Буря | страница 45



— Самое главное в этом деле, — одобрительно пробасил Голубничий, — это хозяйский глаз. У тебя есть хозяйский глаз, зеленая лошадь. А возраст — это пустое обстоятельство.

Я удивился, что в эти часы суматохи и хлопот, связанных с отходом судна, нигде не видать нашего капитана. Спустя некоторое время, когда в каюте, выходившей на верхнюю палубу, стукнула дверца, я обернулся, ожидая увидеть усатого толстяка — капитана Сизова, который бочком вылезает из своей каюты и еще облизывает усы, засаленные тресковым жиром. Но из капитанской каюты вышел всё тот же молодой паренек с золотыми нашивками на рукаве и, заложив руки за спину, нервно стал прохаживаться по мостику. Уже когда мы отошли от берега, мой давешний приятель мне сообщил, что капитан Сизов неожиданно захворал, что капитаном у нас назначен его старший помощник Николай Николаевич Студенцов и что новому капитану всего-навсего двадцать четвертый год от роду.

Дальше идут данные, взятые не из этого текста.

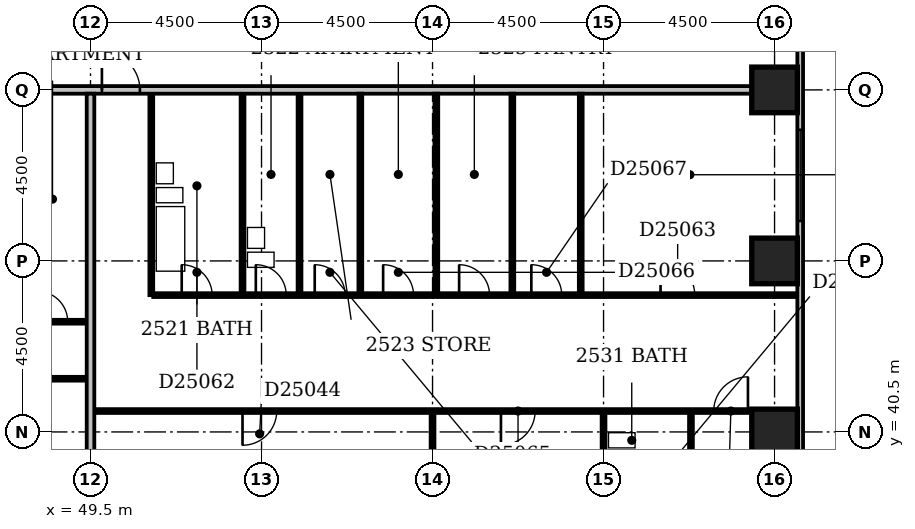
"""IFC4 building model, lengths in metres.
Left out: names, types, materials, properties, quantities, classifications, styles, units other than length and angle.
Written with IfcOpenShell. Run it as: python <this file> out.ifc"""

import sys

from ifc_helpers import new_model, si_unit, direction, frame, frame_2d, origin, origin_2d, place, context, subcontext, project, spatial, rectangle, extrude, element, fill, save


model = new_model("IFC4")
c1 = context("Model", 3, precision=1e-05, world=origin(), true_north=direction((0.0, 1.0)))
c2 = subcontext(c1, "Body", "Model", "MODEL_VIEW")
j1 = project(units=[si_unit("LENGTHUNIT", "METRE"), si_unit("PLANEANGLEUNIT", "RADIAN")], contexts=[c1])
p1 = place(None, origin())
s1 = spatial("IfcSite", under=j1, at=p1, CompositionType="ELEMENT")
p2 = place(p1, origin())
s2 = spatial("IfcBuilding", under=s1, at=p2, CompositionType="ELEMENT")
p3 = place(p2, frame((0.0, 0.0, 101.0)))
s3 = spatial("IfcBuildingStorey", under=s2, at=p3, CompositionType="ELEMENT", Elevation=101.0)
for number, where, z_axis, x_axis in (
    (1, (67.5, 40.5, -0.3), (0.0, 0.0, 1.0), (1.0, 0.0, 0.0)),
    (2, (67.5, 45.0, -0.3), (0.0, 0.0, 1.0), (1.0, 0.0, 0.0)),
    (3, (67.5, 49.5, -0.3), (0.0, 0.0, 1.0), (1.0, 0.0, 0.0)),
):
    element("IfcColumn", number, at=place(p3, frame(where, z_axis=z_axis, x_axis=x_axis)), inside=s3, PredefinedType="COLUMN", context=c2, shape_type="SweptSolid", body=[
        extrude(rectangle(XDim=1.2, YDim=1.2, at=origin_2d()), origin(), (0.0, 0.0, 1.0), 3.6),
    ])
p4 = place(p3, frame((68.175, 35.4, 0.0), z_axis=(0.0, 0.0, 1.0), x_axis=(0.0, 1.0, 0.0)))
e4 = element("IfcWall", 4, at=p4, inside=s3, PredefinedType="STANDARD", context=c2, shape_type="SweptSolid", body=[
    extrude(rectangle(XDim=23.85, YDim=0.15, at=frame_2d((11.925, 0.0))), origin(), (0.0, 0.0, 1.0), 2.7),
])
p5 = place(p4, frame((1.65, 0.0, 0.6)))
e5 = element("IfcOpeningElement", 5, at=p5, cuts=e4, PredefinedType="OPENING", context=c2, shape_type="SweptSolid", body=[
    extrude(rectangle(XDim=2.4, YDim=1.8, at=frame_2d((1.2, 0.9))), frame((0.0, 0.087, 0.0), z_axis=(0.0, -1.0, 0.0), x_axis=(1.0, 0.0, 0.0)), (0.0, 0.0, 1.0), 0.174),
])
p6 = place(p4, frame((10.65, 0.0, 0.6)))
e6 = element("IfcOpeningElement", 6, at=p6, cuts=e4, PredefinedType="OPENING", context=c2, shape_type="SweptSolid", body=[
    extrude(rectangle(XDim=2.4, YDim=1.8, at=frame_2d((1.2, 0.9))), frame((0.0, 0.087, 0.0), z_axis=(0.0, -1.0, 0.0), x_axis=(1.0, 0.0, 0.0)), (0.0, 0.0, 1.0), 0.174),
])
p7 = place(p4, frame((20.653, 0.0, 0.6)))
e7 = element("IfcOpeningElement", 7, at=p7, cuts=e4, PredefinedType="OPENING", context=c2, shape_type="SweptSolid", body=[
    extrude(rectangle(XDim=1.5, YDim=1.8, at=frame_2d((0.75, 0.9))), frame((0.0, 0.087, 0.0), z_axis=(0.0, -1.0, 0.0), x_axis=(1.0, 0.0, 0.0)), (0.0, 0.0, 1.0), 0.174),
])
p8 = place(p3, frame((49.5, 36.6, 0.0), z_axis=(0.0, 0.0, 1.0), x_axis=(0.0, 1.0, 0.0)))
e8 = element("IfcWall", 8, at=p8, inside=s3, PredefinedType="PARTITIONING", context=c2, shape_type="SweptSolid", body=[
    extrude(rectangle(XDim=12.8, YDim=0.2, at=frame_2d((6.4, 0.0))), origin(), (0.0, 0.0, 1.0), 3.3),
])
p9 = place(p3, frame((58.5, 36.6, 0.0), z_axis=(0.0, 0.0, 1.0), x_axis=(0.0, 1.0, 0.0)))
e9 = element("IfcWall", 9, at=p9, inside=s3, PredefinedType="PARTITIONING", context=c2, shape_type="SweptSolid", body=[
    extrude(rectangle(XDim=4.4, YDim=0.1, at=frame_2d((2.2, 0.0))), origin(), (0.0, 0.0, 1.0), 3.3),
])
p10 = place(p3, frame((63.0, 36.6, 0.0), z_axis=(0.0, 0.0, 1.0), x_axis=(0.0, 1.0, 0.0)))
e10 = element("IfcWall", 10, at=p10, inside=s3, PredefinedType="PARTITIONING", context=c2, shape_type="SweptSolid", body=[
    extrude(rectangle(XDim=4.4, YDim=0.1, at=frame_2d((2.2, 0.0))), origin(), (0.0, 0.0, 1.0), 2.4),
])
p11 = place(p3, frame((65.3, 38.15, 0.0), z_axis=(0.0, 0.0, 1.0), x_axis=(0.0, 1.0, 0.0)))
e11 = element("IfcWall", 11, at=p11, inside=s3, PredefinedType="PLUMBINGWALL", context=c2, shape_type="SweptSolid", body=[
    extrude(rectangle(XDim=2.85, YDim=0.1, at=frame_2d((1.425, 0.0))), origin(), (0.0, 0.0, 1.0), 3.3),
])
p12 = place(p11, frame((1.05, 0.0, 0.0)))
e12 = element("IfcOpeningElement", 12, at=p12, cuts=e11, PredefinedType="OPENING", context=c2, shape_type="SweptSolid", body=[
    extrude(rectangle(XDim=0.8, YDim=2.1, at=frame_2d((0.4, 1.05))), frame((0.0, 0.062, 0.0), z_axis=(0.0, -1.0, 0.0), x_axis=(1.0, 0.0, 0.0)), (0.0, 0.0, 1.0), 0.124),
])
p13 = place(p3, frame((49.6, 41.05, 0.0), z_axis=(0.0, 0.0, 1.0), x_axis=(1.0, 0.0, 0.0)))
e13 = element("IfcWall", 13, at=p13, inside=s3, PredefinedType="PARTITIONING", context=c2, shape_type="SweptSolid", body=[
    extrude(rectangle(XDim=17.3, YDim=0.1, at=frame_2d((8.65, 0.0))), origin(), (0.0, 0.0, 1.0), 3.3),
])
p14 = place(p13, frame((3.9, 0.0, 0.0)))
e14 = element("IfcOpeningElement", 14, at=p14, cuts=e13, PredefinedType="OPENING", context=c2, shape_type="SweptSolid", body=[
    extrude(rectangle(XDim=0.9, YDim=2.1, at=frame_2d((0.45, 1.05))), frame((0.0, 0.062, 0.0), z_axis=(0.0, -1.0, 0.0), x_axis=(1.0, 0.0, 0.0)), (0.0, 0.0, 1.0), 0.124),
])
p15 = place(p13, frame((10.7, 0.0, 0.0)))
e15 = element("IfcOpeningElement", 15, at=p15, cuts=e13, PredefinedType="OPENING", context=c2, shape_type="SweptSolid", body=[
    extrude(rectangle(XDim=0.9, YDim=2.1, at=frame_2d((0.45, 1.05))), frame((0.0, 0.062, 0.0), z_axis=(0.0, -1.0, 0.0), x_axis=(1.0, 0.0, 0.0)), (0.0, 0.0, 1.0), 0.124),
])
p16 = place(p13, frame((16.3, 0.0, 0.0)))
e16 = element("IfcOpeningElement", 16, at=p16, cuts=e13, PredefinedType="OPENING", context=c2, shape_type="SweptSolid", body=[
    extrude(rectangle(XDim=0.9, YDim=2.1, at=frame_2d((0.45, 1.05))), frame((0.0, 0.062, 0.0), z_axis=(0.0, -1.0, 0.0), x_axis=(1.0, 0.0, 0.0)), (0.0, 0.0, 1.0), 0.124),
])
p17 = place(p3, frame((36.1, 41.9, 0.0), z_axis=(0.0, 0.0, 1.0), x_axis=(1.0, 0.0, 0.0)))
e17 = element("IfcWall", 17, at=p17, inside=s3, PredefinedType="PARTITIONING", context=c2, shape_type="SweptSolid", body=[
    extrude(rectangle(XDim=13.3, YDim=0.1, at=frame_2d((6.65, 0.0))), origin(), (0.0, 0.0, 1.0), 3.3),
])
p18 = place(p17, frame((1.7, 0.0, 0.0)))
e18 = element("IfcOpeningElement", 18, at=p18, cuts=e17, PredefinedType="OPENING", context=c2, shape_type="SweptSolid", body=[
    extrude(rectangle(XDim=0.9, YDim=2.1, at=frame_2d((0.45, 1.05))), frame((0.0, 0.062, 0.0), z_axis=(0.0, -1.0, 0.0), x_axis=(1.0, 0.0, 0.0)), (0.0, 0.0, 1.0), 0.124),
])
p19 = place(p17, frame((7.35, 0.0, 0.0)))
e19 = element("IfcOpeningElement", 19, at=p19, cuts=e17, PredefinedType="OPENING", context=c2, shape_type="SweptSolid", body=[
    extrude(rectangle(XDim=0.9, YDim=2.1, at=frame_2d((0.45, 1.05))), frame((0.0, 0.062, 0.0), z_axis=(0.0, -1.0, 0.0), x_axis=(1.0, 0.0, 0.0)), (0.0, 0.0, 1.0), 0.124),
])
p20 = place(p17, frame((10.7, 0.0, 0.0)))
e20 = element("IfcOpeningElement", 20, at=p20, cuts=e17, PredefinedType="OPENING", context=c2, shape_type="SweptSolid", body=[
    extrude(rectangle(XDim=0.9, YDim=2.1, at=frame_2d((0.45, 1.05))), frame((0.0, 0.062, 0.0), z_axis=(0.0, -1.0, 0.0), x_axis=(1.0, 0.0, 0.0)), (0.0, 0.0, 1.0), 0.124),
])
p21 = place(p3, frame((37.65, 43.4, 0.0), z_axis=(0.0, 0.0, 1.0), x_axis=(1.0, 0.0, 0.0)))
e21 = element("IfcWall", 21, at=p21, inside=s3, PredefinedType="PARTITIONING", context=c2, shape_type="SweptSolid", body=[
    extrude(rectangle(XDim=11.75, YDim=0.1, at=frame_2d((5.875, 0.0))), origin(), (0.0, 0.0, 1.0), 3.3),
])
p22 = place(p21, frame((6.65, 0.0, 0.0)))
e22 = element("IfcOpeningElement", 22, at=p22, cuts=e21, PredefinedType="OPENING", context=c2, shape_type="SweptSolid", body=[
    extrude(rectangle(XDim=0.8, YDim=2.1, at=frame_2d((0.4, 1.05))), frame((0.0, 0.062, 0.0), z_axis=(0.0, -1.0, 0.0), x_axis=(1.0, 0.0, 0.0)), (0.0, 0.0, 1.0), 0.124),
])
p23 = place(p21, frame((2.45, 0.0, 0.0)))
e23 = element("IfcOpeningElement", 23, at=p23, cuts=e21, PredefinedType="OPENING", context=c2, shape_type="SweptSolid", body=[
    extrude(rectangle(XDim=0.9, YDim=2.1, at=frame_2d((0.45, 1.05))), frame((0.0, 0.062, 0.0), z_axis=(0.0, -1.0, 0.0), x_axis=(1.0, 0.0, 0.0)), (0.0, 0.0, 1.0), 0.124),
])
p24 = place(p21, frame((8.65, 0.0, 0.0)))
e24 = element("IfcOpeningElement", 24, at=p24, cuts=e21, PredefinedType="OPENING", context=c2, shape_type="SweptSolid", body=[
    extrude(rectangle(XDim=0.8, YDim=2.1, at=frame_2d((0.4, 1.05))), frame((0.0, 0.062, 0.0), z_axis=(0.0, -1.0, 0.0), x_axis=(1.0, 0.0, 0.0)), (0.0, 0.0, 1.0), 0.124),
])
p25 = place(p21, frame((10.45, 0.0, 0.0)))
e25 = element("IfcOpeningElement", 25, at=p25, cuts=e21, PredefinedType="OPENING", context=c2, shape_type="SweptSolid", body=[
    extrude(rectangle(XDim=0.8, YDim=2.1, at=frame_2d((0.4, 1.05))), frame((0.0, 0.062, 0.0), z_axis=(0.0, -1.0, 0.0), x_axis=(1.0, 0.0, 0.0)), (0.0, 0.0, 1.0), 0.124),
])
p26 = place(p3, frame((51.1, 44.1, 0.0), z_axis=(0.0, 0.0, 1.0), x_axis=(0.0, 1.0, 0.0)))
e26 = element("IfcWall", 26, at=p26, inside=s3, PredefinedType="PLUMBINGWALL", context=c2, shape_type="SweptSolid", body=[
    extrude(rectangle(XDim=5.3, YDim=0.1, at=frame_2d((2.65, 0.0))), origin(), (0.0, 0.0, 1.0), 3.3),
])
p27 = place(p3, frame((51.15, 44.1, 0.0), z_axis=(0.0, 0.0, 1.0), x_axis=(1.0, 0.0, 0.0)))
e27 = element("IfcWall", 27, at=p27, inside=s3, PredefinedType="PARTITIONING", context=c2, shape_type="SweptSolid", body=[
    extrude(rectangle(XDim=16.95, YDim=0.1, at=frame_2d((8.475, 0.0))), origin(), (0.0, 0.0, 1.0), 3.3),
])
p28 = place(p27, frame((0.75, 0.0, 0.0)))
e28 = element("IfcOpeningElement", 28, at=p28, cuts=e27, PredefinedType="OPENING", context=c2, shape_type="SweptSolid", body=[
    extrude(rectangle(XDim=0.8, YDim=2.1, at=frame_2d((0.4, 1.05))), frame((0.0, 0.062, 0.0), z_axis=(0.0, -1.0, 0.0), x_axis=(1.0, 0.0, 0.0)), (0.0, 0.0, 1.0), 0.124),
])
p29 = place(p27, frame((13.35, 0.0, 0.0)))
e29 = element("IfcOpeningElement", 29, at=p29, cuts=e27, PredefinedType="OPENING", context=c2, shape_type="SweptSolid", body=[
    extrude(rectangle(XDim=0.9, YDim=2.1, at=frame_2d((0.45, 1.05))), frame((0.0, 0.062, 0.0), z_axis=(0.0, -1.0, 0.0), x_axis=(1.0, 0.0, 0.0)), (0.0, 0.0, 1.0), 0.124),
])
p30 = place(p27, frame((8.05, 0.0, 0.0)))
e30 = element("IfcOpeningElement", 30, at=p30, cuts=e27, PredefinedType="OPENING", context=c2, shape_type="SweptSolid", body=[
    extrude(rectangle(XDim=0.8, YDim=2.1, at=frame_2d((0.4, 1.05))), frame((0.0, 0.062, 0.0), z_axis=(0.0, -1.0, 0.0), x_axis=(1.0, 0.0, 0.0)), (0.0, 0.0, 1.0), 0.124),
])
p31 = place(p27, frame((4.25, 0.0, 0.0)))
e31 = element("IfcOpeningElement", 31, at=p31, cuts=e27, PredefinedType="OPENING", context=c2, shape_type="SweptSolid", body=[
    extrude(rectangle(XDim=0.8, YDim=2.1, at=frame_2d((0.4, 1.05))), frame((0.0, 0.062, 0.0), z_axis=(0.0, -1.0, 0.0), x_axis=(1.0, 0.0, 0.0)), (0.0, 0.0, 1.0), 0.124),
])
p32 = place(p27, frame((6.05, 0.0, 0.0)))
e32 = element("IfcOpeningElement", 32, at=p32, cuts=e27, PredefinedType="OPENING", context=c2, shape_type="SweptSolid", body=[
    extrude(rectangle(XDim=0.8, YDim=2.1, at=frame_2d((0.4, 1.05))), frame((0.0, 0.062, 0.0), z_axis=(0.0, -1.0, 0.0), x_axis=(1.0, 0.0, 0.0)), (0.0, 0.0, 1.0), 0.124),
])
p33 = place(p27, frame((9.95, 0.0, 0.0)))
e33 = element("IfcOpeningElement", 33, at=p33, cuts=e27, PredefinedType="OPENING", context=c2, shape_type="SweptSolid", body=[
    extrude(rectangle(XDim=0.8, YDim=2.1, at=frame_2d((0.4, 1.05))), frame((0.0, 0.062, 0.0), z_axis=(0.0, -1.0, 0.0), x_axis=(1.0, 0.0, 0.0)), (0.0, 0.0, 1.0), 0.124),
])
p34 = place(p27, frame((2.7, 0.0, 0.0)))
e34 = element("IfcOpeningElement", 34, at=p34, cuts=e27, PredefinedType="OPENING", context=c2, shape_type="SweptSolid", body=[
    extrude(rectangle(XDim=0.8, YDim=2.1, at=frame_2d((0.4, 1.05))), frame((0.0, 0.062, 0.0), z_axis=(0.0, -1.0, 0.0), x_axis=(1.0, 0.0, 0.0)), (0.0, 0.0, 1.0), 0.124),
])
p35 = place(p3, frame((53.5, 44.15, 0.0), z_axis=(0.0, 0.0, 1.0), x_axis=(0.0, 1.0, 0.0)))
e35 = element("IfcWall", 35, at=p35, inside=s3, PredefinedType="PLUMBINGWALL", context=c2, shape_type="SweptSolid", body=[
    extrude(rectangle(XDim=5.25, YDim=0.1, at=frame_2d((2.625, 0.0))), origin(), (0.0, 0.0, 1.0), 2.6),
])
p36 = place(p3, frame((55.0, 44.15, 0.0), z_axis=(0.0, 0.0, 1.0), x_axis=(0.0, 1.0, 0.0)))
e36 = element("IfcWall", 36, at=p36, inside=s3, PredefinedType="PLUMBINGWALL", context=c2, shape_type="SweptSolid", body=[
    extrude(rectangle(XDim=5.25, YDim=0.1, at=frame_2d((2.625, 0.0))), origin(), (0.0, 0.0, 1.0), 3.3),
])
for number, where, z_axis, x_axis in (
    (37, (56.6, 44.15, 0.0), (0.0, 0.0, 1.0), (0.0, 1.0, 0.0)),
    (38, (58.6, 44.15, 0.0), (0.0, 0.0, 1.0), (0.0, 1.0, 0.0)),
    (39, (60.6, 44.15, 0.0), (0.0, 0.0, 1.0), (0.0, 1.0, 0.0)),
):
    element("IfcWall", number, at=place(p3, frame(where, z_axis=z_axis, x_axis=x_axis)), inside=s3, PredefinedType="PARTITIONING", context=c2, shape_type="SweptSolid", body=[
        extrude(rectangle(XDim=5.25, YDim=0.1, at=frame_2d((2.625, 0.0))), origin(), (0.0, 0.0, 1.0), 3.3),
    ])
p37 = place(p3, frame((62.4, 44.15, 0.0), z_axis=(0.0, 0.0, 1.0), x_axis=(0.0, 1.0, 0.0)))
e40 = element("IfcWall", 40, at=p37, inside=s3, PredefinedType="PARTITIONING", context=c2, shape_type="SweptSolid", body=[
    extrude(rectangle(XDim=5.25, YDim=0.1, at=frame_2d((2.625, 0.0))), origin(), (0.0, 0.0, 1.0), 2.4),
])
p38 = place(p3, frame((9.1, 49.5, 0.0), z_axis=(0.0, 0.0, 1.0), x_axis=(1.0, 0.0, 0.0)))
e41 = element("IfcWall", 41, at=p38, inside=s3, PredefinedType="PARTITIONING", context=c2, shape_type="SweptSolid", body=[
    extrude(rectangle(XDim=57.8, YDim=0.2, at=frame_2d((28.9, 0.0))), origin(), (0.0, 0.0, 1.0), 3.3),
])
p39 = place(p38, frame((14.95, 0.0, 0.0)))
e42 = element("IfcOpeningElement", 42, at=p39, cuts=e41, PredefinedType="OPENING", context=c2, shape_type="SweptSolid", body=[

— Потеха! — сказал он, выложив мне все эти новости.

И вот, наконец, на палубу подняли трапы, и команда «Щуки», соседнего тральщика, к борту которого было пришвартовано наше судно, отдала стальные тросы. Прощальный салют — троекратный гудок — оглушил меня. В морозном утреннем воздухе эти гудки откликнулись далеко на том берегу залива. Палуба под ногами стала мелко-мелко дрожать: это заработали машины. В небольшой кучке провожающих на причале, среди которых были главным образом женщины — жены уходивших в рейс, — взмахнули платками и шапками. И я, хотя меня никто не провожал, тоже поднял руку и помахал шапкой на прощанье. Причалы, заметенные снегом, мачты, пароходные трубы — всё сдвинулось с места, медленно стало отходить назад. Всё сильней и сильней дрожала палуба, всё чаще звякал телеграф — сигнал в машинное, — и глухой голос вахтенного штурмана кричал в трубку: «Задний!.. Стоп!.. Тихий задний!..» Мы выходили на рейд.

Отсюда, с палубы отходившего судна, я впервые увидел город — весь разом. В розоватом утреннем тумане он на километры растянулся по берегу залива, вставал по склонам гор, воронкой спускавшихся к заливу, и не различить было, где на берегу кончались дома и где начинались корабли, доки, причалы. Внезапно с особой ясностью я понял, что это последний, самый северный город на Большой Земле, что дальше на тысячи морских миль к востоку и северу — океан и ледяная пустыня. Эти многоэтажные каменные дома, обращенные своими балконами к снежным тундрам, — последние городские дома, которые мы видим, уходя в плавание. Этот поезд, совсем крошечный на расстоянии, который выбежал из-за мыса и вот уже остановился, — остановился оттого, что здесь кончается рельсовый путь, что дальше ему уже нет дороги. И каким огромным, каким многолюдным был этот город, выстроенный на краю полярной пустыни!